Начальник порта

14

1295 просмотров, кто смотрел, кто голосовал

ЖУРНАЛ: № 161 (сентябрь 2022)

РУБРИКА: Проза

АВТОР: Поклад Юрий Александрович

 
Феодосия. Порт. Начало XX века..jpg

Улица, на которой находится управление морского торгового порта, раньше называлась Итальянской; в двух кварталах от Матросского парка она круто поднимается к Карантинной слободке. Теперь эта улица названа именем Максима Горького, и не случайно: писатель во время своих странствий по Руси оказался в Феодосии и даже участвовал в строительстве набережной. Он жил в Карантинной слободке. Просыпаясь ранним утром, чтобы идти на работу, завтракал жменей хамсы и стаканом терпкого домашнего вина из дешёвого винограда изабелла.

Лестница на второй этаж, в кабинет начальника порта – мраморная, с отполированными ступенями. Как во всех помещениях, где есть мрамор, здесь прохладно после жаркого воздуха улицы.

Настали времена перемен, поэтому постоянно повторялись у меня в голове строки, созвучные с булгаковской «Белой гвардией», – Михаил Афанасьевич не раз бывал в нашем городе:

«Тревожен был год 1992, от начала революции первый. Август, как и всегда, был обилен солнцем, и высоко в чёрном ночном небе стояли две звезды: Вега, что означает “падающая”, и Альтаир – “парящий орёл”».

Несмотря на все надежды, Крым после раздела страны в 1991 году, остался украинским, вместе с советскими рублями стало необходимо предъявлять купоны – малоубедительные прямоугольники из бумаги, напоминавшей промокательную.

Я поднимался в кабинет к начальнику порта Юрию Павловичу Большакову, чтобы взять у него интервью. Приходилось тогда хвататься за любой литературный или журналистский труд: очень хотелось печататься.

О начальнике феодосийского порта, только семидесятилетней давности, Александре Александровиче Новинском, я случайно прочитал накануне и теперь ловил себя на мысли, что увижу в кабинете именно его – человека маленького роста, с чёрной бородкой, в белоснежном кителе, с кортиком.
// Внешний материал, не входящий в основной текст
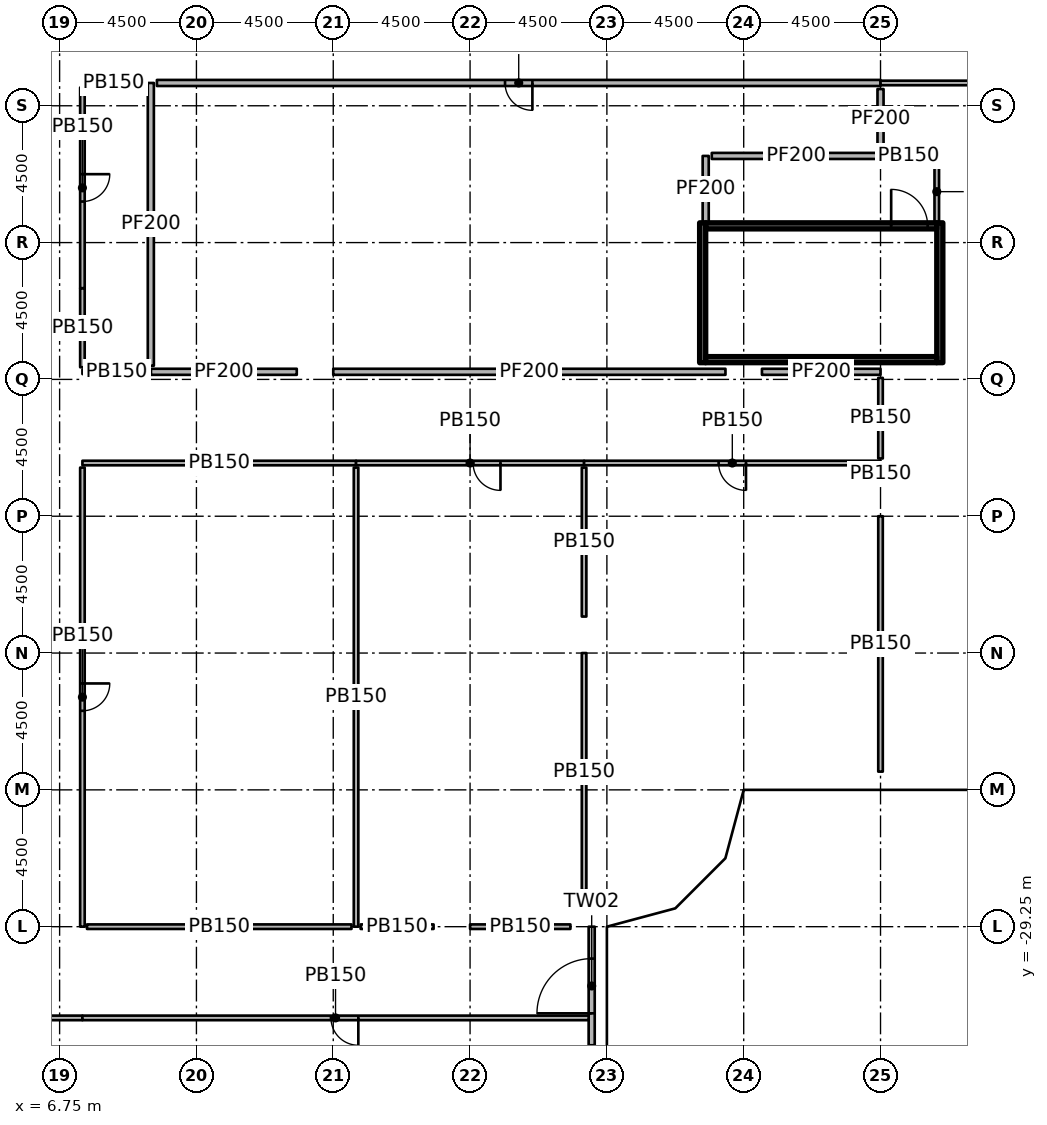
"""IFC4 building model, lengths in metres.
Left out: names, types, materials, properties, quantities, classifications, styles, units other than length and angle.
Written with IfcOpenShell. Run it as: python <this file> out.ifc"""

import sys

from ifc_helpers import new_model, si_unit, direction, frame, frame_2d, origin, origin_2d, place, context, subcontext, project, spatial, rectangle, extrude, element, fill, save


model = new_model("IFC4")
c1 = context("Model", 3, precision=1e-05, world=origin(), true_north=direction((0.0, 1.0)))
c2 = subcontext(c1, "Body", "Model", "MODEL_VIEW")
j1 = project(units=[si_unit("LENGTHUNIT", "METRE"), si_unit("PLANEANGLEUNIT", "RADIAN")], contexts=[c1])
p1 = place(None, origin())
s1 = spatial("IfcSite", under=j1, at=p1, CompositionType="ELEMENT")
p2 = place(p1, origin())
s2 = spatial("IfcBuilding", under=s1, at=p2, CompositionType="ELEMENT")
p3 = place(p2, frame((0.0, 0.0, 7.0)))
s3 = spatial("IfcBuildingStorey", under=s2, at=p3, CompositionType="ELEMENT", Elevation=7.0)
for number, where, z_axis, x_axis in (
    (1, (6.25, -26.9, 0.0), (0.0, 0.0, 1.0), (1.0, 0.0, 0.0)),
    (2, (6.25, -24.65, 0.0), (0.0, 0.0, 1.0), (1.0, 0.0, 0.0)),
    (3, (6.25, -20.25, 0.0), (0.0, 0.0, 1.0), (1.0, 0.0, 0.0)),
    (4, (6.25, -15.75, 0.0), (0.0, 0.0, 1.0), (1.0, 0.0, 0.0)),
    (5, (6.25, -10.75, 0.0), (0.0, 0.0, 1.0), (1.0, 0.0, 0.0)),
    (6, (6.25, -6.25, 0.0), (0.0, 0.0, 1.0), (1.0, 0.0, 0.0)),
    (7, (10.65, -33.75, 0.0), (0.0, 0.0, 1.0), (1.0, 0.0, 0.0)),
    (8, (10.65, -20.25, 0.0), (0.0, 0.0, 1.0), (1.0, 0.0, 0.0)),
    (9, (10.65, -15.15, 0.0), (0.0, 0.0, 1.0), (1.0, 0.0, 0.0)),
    (10, (10.75, -6.25, 0.0), (0.0, 0.0, 1.0), (1.0, 0.0, 0.0)),
    (11, (15.15, -24.75, 0.0), (0.0, 0.0, 1.0), (1.0, 0.0, 0.0)),
    (12, (15.15, -19.65, 0.0), (0.0, 0.0, 1.0), (1.0, 0.0, 0.0)),
    (13, (15.15, -10.65, 0.0), (0.0, 0.0, 1.0), (1.0, 0.0, 0.0)),
    (14, (15.75, -6.25, 0.0), (0.0, 0.0, 1.0), (1.0, 0.0, 0.0)),
    (15, (19.65, -29.25, 0.0), (0.0, 0.0, 1.0), (1.0, 0.0, 0.0)),
    (16, (19.65, -24.15, 0.0), (0.0, 0.0, 1.0), (1.0, 0.0, 0.0)),
    (17, (19.65, -15.15, 0.0), (0.0, 0.0, 1.0), (1.0, 0.0, 0.0)),
    (18, (20.25, -6.11, 0.0), (0.0, 0.0, 1.0), (1.0, 0.0, 0.0)),
    (19, (24.15, -33.75, 0.0), (0.0, 0.0, 1.0), (1.0, 0.0, 0.0)),
    (20, (24.15, -28.65, 0.0), (0.0, 0.0, 1.0), (1.0, 0.0, 0.0)),
    (21, (24.15, -19.65, 0.0), (0.0, 0.0, 1.0), (1.0, 0.0, 0.0)),
    (22, (24.75, -6.11, 0.0), (0.0, 0.0, 1.0), (1.0, 0.0, 0.0)),
    (23, (28.65, -24.15, 0.0), (0.0, 0.0, 1.0), (1.0, 0.0, 0.0)),
    (24, (28.908, -5.475, 0.0), (0.0, 0.0, 1.0), (1.0, 0.0, 0.0)),
    (25, (28.67, -2.25, 0.0), (0.0, 0.0, 1.0), (1.0, 0.0, 0.0)),
    (26, (33.75, -15.15, 0.0), (0.0, 0.0, 1.0), (1.0, 0.0, 0.0)),
    (27, (33.11, -2.25, 0.0), (0.0, 0.0, 1.0), (1.0, 0.0, 0.0)),
):
    element("IfcColumn", number, at=place(p3, frame(where, z_axis=z_axis, x_axis=x_axis)), inside=s3, PredefinedType="COLUMN", context=c2, shape_type="SweptSolid", body=[
        extrude(rectangle(XDim=1.2, YDim=1.2, at=origin_2d()), origin(), (0.0, 0.0, 1.0), 4.55),
    ])
p4 = place(p3, frame((24.25, -33.15, 0.0), z_axis=(0.0, 0.0, 1.0), x_axis=(0.0, 1.0, 0.0)))
e28 = element("IfcWall", 28, at=p4, inside=s3, PredefinedType="SOLIDWALL", context=c2, shape_type="SweptSolid", body=[
    extrude(rectangle(XDim=3.9, YDim=0.2, at=frame_2d((1.95, 0.0))), origin(), (0.0, 0.0, 1.0), 4.55),
])
p5 = place(p4, frame((1.05, 0.0, 0.0)))
e29 = element("IfcOpeningElement", 29, at=p5, cuts=e28, PredefinedType="OPENING", context=c2, shape_type="SweptSolid", body=[
    extrude(rectangle(XDim=1.8, YDim=2.4, at=frame_2d((0.9, 1.2))), frame((0.0, 0.11, 0.0), z_axis=(0.0, -1.0, 0.0), x_axis=(1.0, 0.0, 0.0)), (0.0, 0.0, 1.0), 0.22),
])
for number, where, z_axis, x_axis in (
    (30, (27.9, -10.7, 0.0), (0.0, 0.0, 1.0), (0.0, 1.0, 0.0)),
    (31, (35.7, -10.7, 0.0), (0.0, 0.0, 1.0), (0.0, 1.0, 0.0)),
):
    element("IfcWall", number, at=place(p3, frame(where, z_axis=z_axis, x_axis=x_axis)), inside=s3, PredefinedType="SHEAR", context=c2, shape_type="SweptSolid", body=[
        extrude(rectangle(XDim=4.6, YDim=0.2, at=frame_2d((2.3, 0.0))), origin(), (0.0, 0.0, 1.0), 4.55),
    ])
p6 = place(p3, frame((28.0, -10.6, 0.0), z_axis=(0.0, 0.0, 1.0), x_axis=(1.0, 0.0, 0.0)))
e32 = element("IfcWall", 32, at=p6, inside=s3, PredefinedType="SHEAR", context=c2, shape_type="SweptSolid", body=[
    extrude(rectangle(XDim=7.6, YDim=0.2, at=frame_2d((3.8, 0.0))), origin(), (0.0, 0.0, 1.0), 4.55),
])
p7 = place(p3, frame((28.0, -6.2, 0.0), z_axis=(0.0, 0.0, 1.0), x_axis=(1.0, 0.0, 0.0)))
e33 = element("IfcWall", 33, at=p7, inside=s3, PredefinedType="SHEAR", context=c2, shape_type="SweptSolid", body=[
    extrude(rectangle(XDim=7.6, YDim=0.2, at=frame_2d((3.8, 0.0))), origin(), (0.0, 0.0, 1.0), 4.55),
])
p8 = place(p7, frame((6.1, 0.0, 0.0)))
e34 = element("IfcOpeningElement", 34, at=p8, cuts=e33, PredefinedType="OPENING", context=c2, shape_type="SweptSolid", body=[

Что такое семьдесят лет для города, которому недавно исполнилось две тысячи пятьсот?

Нынешний начальник порта, Юрий Павлович Большаков, в чёрном флотском кителе похож на англичанина – худощав, светловолос, нос с небольшой горбинкой. Впрочем, он также похож на датчанина или шведа. При этом – чистокровный русский.

Могло ли что-то измениться в кабинете начальника порта со времён Александра Александровича Новинского? Ничего. С какой стати чему-то меняться? Те же сахарно-белые лампочки, освещающие огромные карты Крыма, таблицы морских глубин и течений, диаграммы и внушительных размеров барометр в полированном футляре.

Юрий Павлович смотрел на меня с нетерпеливым ожиданием, ему нужно работать, а праздные разговоры, которые называются «интервью», работой считаться не могли. Он – деликатный человек и не напоминал об этом.

Я сел на стул с высокой спинкой, и стал задавать вопросы, – о том, как «порт держится на плаву», и в чём секрет его непотопляемости, о том, как дела с хозрасчётом и сколь болезнен переход к рыночным отношениям, и так далее.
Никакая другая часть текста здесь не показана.